I'm trying to understanding proof by induction.
But how do I check if that is correct? How do I know what I need to show? Any help would be great. Just trying to get my head around this.
So I have altered my base step to $0$, then with the induction step we assume that LHS = true. With grouping of the terms to get the final formula to show its true. Answer = $(2^{k+2}-1)$
How do I know what I need to show?
This comment makes it sound like you do not really understand what all goes into proving something by induction, and that is perfectly fine--induction is a very tricky proof technique if you do not have much experience with it or are simply encountering it for the first time.
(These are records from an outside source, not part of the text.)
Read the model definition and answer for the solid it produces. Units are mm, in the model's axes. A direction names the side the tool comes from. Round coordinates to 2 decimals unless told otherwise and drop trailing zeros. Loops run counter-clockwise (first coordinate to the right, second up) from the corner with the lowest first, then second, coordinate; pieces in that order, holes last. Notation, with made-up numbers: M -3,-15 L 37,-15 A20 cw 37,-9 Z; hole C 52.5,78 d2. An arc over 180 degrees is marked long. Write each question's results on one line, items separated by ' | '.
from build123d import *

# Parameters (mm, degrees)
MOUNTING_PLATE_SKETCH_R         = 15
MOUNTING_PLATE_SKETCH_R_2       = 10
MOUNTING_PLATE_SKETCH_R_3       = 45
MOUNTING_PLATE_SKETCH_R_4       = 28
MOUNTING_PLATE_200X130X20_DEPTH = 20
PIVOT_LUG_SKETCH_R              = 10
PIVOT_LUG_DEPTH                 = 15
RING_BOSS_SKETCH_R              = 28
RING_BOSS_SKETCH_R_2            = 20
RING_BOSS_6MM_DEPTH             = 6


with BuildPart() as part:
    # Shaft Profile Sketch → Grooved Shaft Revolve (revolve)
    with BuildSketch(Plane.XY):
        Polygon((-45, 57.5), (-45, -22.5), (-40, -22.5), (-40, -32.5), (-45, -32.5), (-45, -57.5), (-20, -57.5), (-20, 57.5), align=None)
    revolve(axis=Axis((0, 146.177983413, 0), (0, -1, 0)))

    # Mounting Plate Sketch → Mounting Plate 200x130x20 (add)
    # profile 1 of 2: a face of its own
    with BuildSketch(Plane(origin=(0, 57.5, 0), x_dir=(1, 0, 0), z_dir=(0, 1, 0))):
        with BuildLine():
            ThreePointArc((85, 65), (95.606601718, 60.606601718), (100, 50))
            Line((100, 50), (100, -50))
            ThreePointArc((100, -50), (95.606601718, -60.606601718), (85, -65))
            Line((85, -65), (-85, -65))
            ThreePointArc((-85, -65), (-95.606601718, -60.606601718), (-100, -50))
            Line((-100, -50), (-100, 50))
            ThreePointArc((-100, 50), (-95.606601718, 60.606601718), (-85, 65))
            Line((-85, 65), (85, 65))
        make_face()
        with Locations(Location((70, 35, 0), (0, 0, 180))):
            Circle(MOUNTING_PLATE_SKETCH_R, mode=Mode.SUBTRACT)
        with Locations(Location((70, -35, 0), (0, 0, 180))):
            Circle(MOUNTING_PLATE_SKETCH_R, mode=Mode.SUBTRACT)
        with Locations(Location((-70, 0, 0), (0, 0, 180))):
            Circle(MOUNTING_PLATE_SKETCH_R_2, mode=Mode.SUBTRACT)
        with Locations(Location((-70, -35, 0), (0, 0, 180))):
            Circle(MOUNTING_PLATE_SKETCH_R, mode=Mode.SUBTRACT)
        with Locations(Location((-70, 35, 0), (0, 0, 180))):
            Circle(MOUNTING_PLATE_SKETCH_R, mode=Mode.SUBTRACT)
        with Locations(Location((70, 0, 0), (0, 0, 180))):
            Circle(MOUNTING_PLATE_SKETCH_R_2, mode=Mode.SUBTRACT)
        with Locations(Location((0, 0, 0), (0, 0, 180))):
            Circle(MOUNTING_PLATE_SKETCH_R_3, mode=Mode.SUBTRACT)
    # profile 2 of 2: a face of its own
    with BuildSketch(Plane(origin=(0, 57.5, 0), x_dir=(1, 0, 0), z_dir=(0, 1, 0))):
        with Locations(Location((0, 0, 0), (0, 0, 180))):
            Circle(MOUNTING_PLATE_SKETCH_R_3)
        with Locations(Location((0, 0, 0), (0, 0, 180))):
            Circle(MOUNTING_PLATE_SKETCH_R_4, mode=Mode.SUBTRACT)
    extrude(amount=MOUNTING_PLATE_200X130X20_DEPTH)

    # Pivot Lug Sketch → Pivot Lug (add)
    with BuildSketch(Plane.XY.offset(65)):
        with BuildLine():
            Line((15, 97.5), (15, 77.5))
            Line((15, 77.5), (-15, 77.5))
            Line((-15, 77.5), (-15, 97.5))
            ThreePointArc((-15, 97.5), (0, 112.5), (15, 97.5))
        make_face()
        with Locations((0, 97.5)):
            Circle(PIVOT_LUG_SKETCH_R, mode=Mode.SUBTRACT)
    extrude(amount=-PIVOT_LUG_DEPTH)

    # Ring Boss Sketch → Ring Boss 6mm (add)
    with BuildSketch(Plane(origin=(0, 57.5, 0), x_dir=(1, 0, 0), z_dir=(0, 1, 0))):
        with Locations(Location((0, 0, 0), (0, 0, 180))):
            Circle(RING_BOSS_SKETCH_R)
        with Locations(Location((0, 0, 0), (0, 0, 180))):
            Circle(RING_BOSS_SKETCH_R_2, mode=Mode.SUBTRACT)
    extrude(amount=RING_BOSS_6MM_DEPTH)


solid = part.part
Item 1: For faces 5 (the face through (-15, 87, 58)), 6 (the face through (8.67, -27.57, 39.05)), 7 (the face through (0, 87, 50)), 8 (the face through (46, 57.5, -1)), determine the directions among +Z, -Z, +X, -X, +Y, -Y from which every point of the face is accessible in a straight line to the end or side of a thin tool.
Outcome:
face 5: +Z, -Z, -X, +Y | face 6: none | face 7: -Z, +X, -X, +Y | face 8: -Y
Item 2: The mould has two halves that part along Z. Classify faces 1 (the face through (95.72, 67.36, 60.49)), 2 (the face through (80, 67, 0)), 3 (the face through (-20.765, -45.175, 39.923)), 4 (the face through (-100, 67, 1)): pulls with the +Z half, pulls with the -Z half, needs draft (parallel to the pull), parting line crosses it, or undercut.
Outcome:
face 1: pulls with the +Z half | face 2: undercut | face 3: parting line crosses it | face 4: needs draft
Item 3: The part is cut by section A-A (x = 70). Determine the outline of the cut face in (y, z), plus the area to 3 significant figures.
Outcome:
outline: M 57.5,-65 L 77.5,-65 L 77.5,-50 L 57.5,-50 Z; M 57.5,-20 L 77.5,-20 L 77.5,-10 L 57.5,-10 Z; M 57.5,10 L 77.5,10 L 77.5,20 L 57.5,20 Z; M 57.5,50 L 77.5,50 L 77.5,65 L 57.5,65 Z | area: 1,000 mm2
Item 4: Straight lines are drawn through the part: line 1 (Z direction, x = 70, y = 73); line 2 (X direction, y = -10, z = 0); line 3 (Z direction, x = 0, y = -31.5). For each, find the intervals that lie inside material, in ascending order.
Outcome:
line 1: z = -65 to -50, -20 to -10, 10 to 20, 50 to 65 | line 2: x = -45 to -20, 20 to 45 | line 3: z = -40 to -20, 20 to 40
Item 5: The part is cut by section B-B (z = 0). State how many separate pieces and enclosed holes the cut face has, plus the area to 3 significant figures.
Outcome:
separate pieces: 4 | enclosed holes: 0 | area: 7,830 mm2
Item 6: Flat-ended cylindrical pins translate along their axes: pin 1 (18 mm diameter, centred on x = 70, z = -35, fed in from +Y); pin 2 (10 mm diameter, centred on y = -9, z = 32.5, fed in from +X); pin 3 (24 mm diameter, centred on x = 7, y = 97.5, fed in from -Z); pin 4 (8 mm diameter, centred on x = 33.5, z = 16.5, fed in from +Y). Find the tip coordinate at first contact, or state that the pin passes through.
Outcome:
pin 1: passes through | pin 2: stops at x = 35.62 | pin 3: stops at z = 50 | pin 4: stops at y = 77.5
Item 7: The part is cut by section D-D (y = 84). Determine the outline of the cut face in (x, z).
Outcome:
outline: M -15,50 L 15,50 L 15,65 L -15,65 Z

Per Alexandre's comment, you may find this post helpful for writing up your induction proofs in the future (note how my proof below is reflective of the template offered in that post), but I would encourage you to read this post first because it explains why mathematical induction is a valid proof technique. Until you understand why induction is valid, you cannot reasonably expect to be able to "know what you need to show." That being said, please do read the two posts linked to above and then read my proof below to see if it makes sense. If you have a question(s) about any step(s) after reading those posts and my proof, then simply let me know.
Problem: Prove that $\sum_{i=0}^n 2^i = 2^{n+1}-1$ for all $n\geq 0$.
Solution: For any integer $n\geq 0$, let $S(n)$ denote the statement $$ S(n) : \sum_{i=0}^n 2^i = 2^{n+1}-1. $$ Base step ($n=0$): $S(0)$ says that $\sum_{i=0}^0 2^i = 2^0 = 1 = 2^{0+1}-1$, and this is true.
Inductive step $S(k)\to S(k+1)$: Fix some $k\geq 0$. Assume that $$ S(k) : \color{blue}{\sum_{i=0}^k 2^i = 2^{k+1}-1} $$ holds ($S(k)$ is called the inductive hypothesis). To be proved (i.e., "what you need to show") is that $$ S(k+1) : \color{green}{\sum_{i=0}^{k+1} 2^i = 2^{k+2}-1} $$ follows. Beginning with the left-hand side of $S(k+1)$, \begin{align} \color{green}{\sum_{i=0}^{k+1} 2^i} &= \color{blue}{\sum_{i=0}^k 2^i}+2^{k+1}\tag{by defn. of $\Sigma$}\\[1em] &= \color{blue}{(2^{k+1}-1)}+2^{k+1}\tag{by $S(k)$, the ind. hyp.}\\[1em] &= 2\cdot2^{k+1}-1\tag{simplify}\\[1em] &= \color{green}{2^{k+2}-1}, \end{align} one arrives at the right-hand side of $S(k+1)$, thereby showing $S(k+1)$ is also true, completing the inductive step.
Conclusion: By mathematical induction, it is proved that for all $n\geq 0$, the statement $S(n)$ is true. $\Box$
You need to prove 1: the Base step (the property is true for a particular $n=n_0$) and 2: the Inductive step (if the property is true for some $n=k$, then it is true for $n=k+1$), that's it.
Then by application of the the Base and repetitive Inductive steps, the property necessarily holds true for $n_0,n_0+1,n_0+2,\cdots$.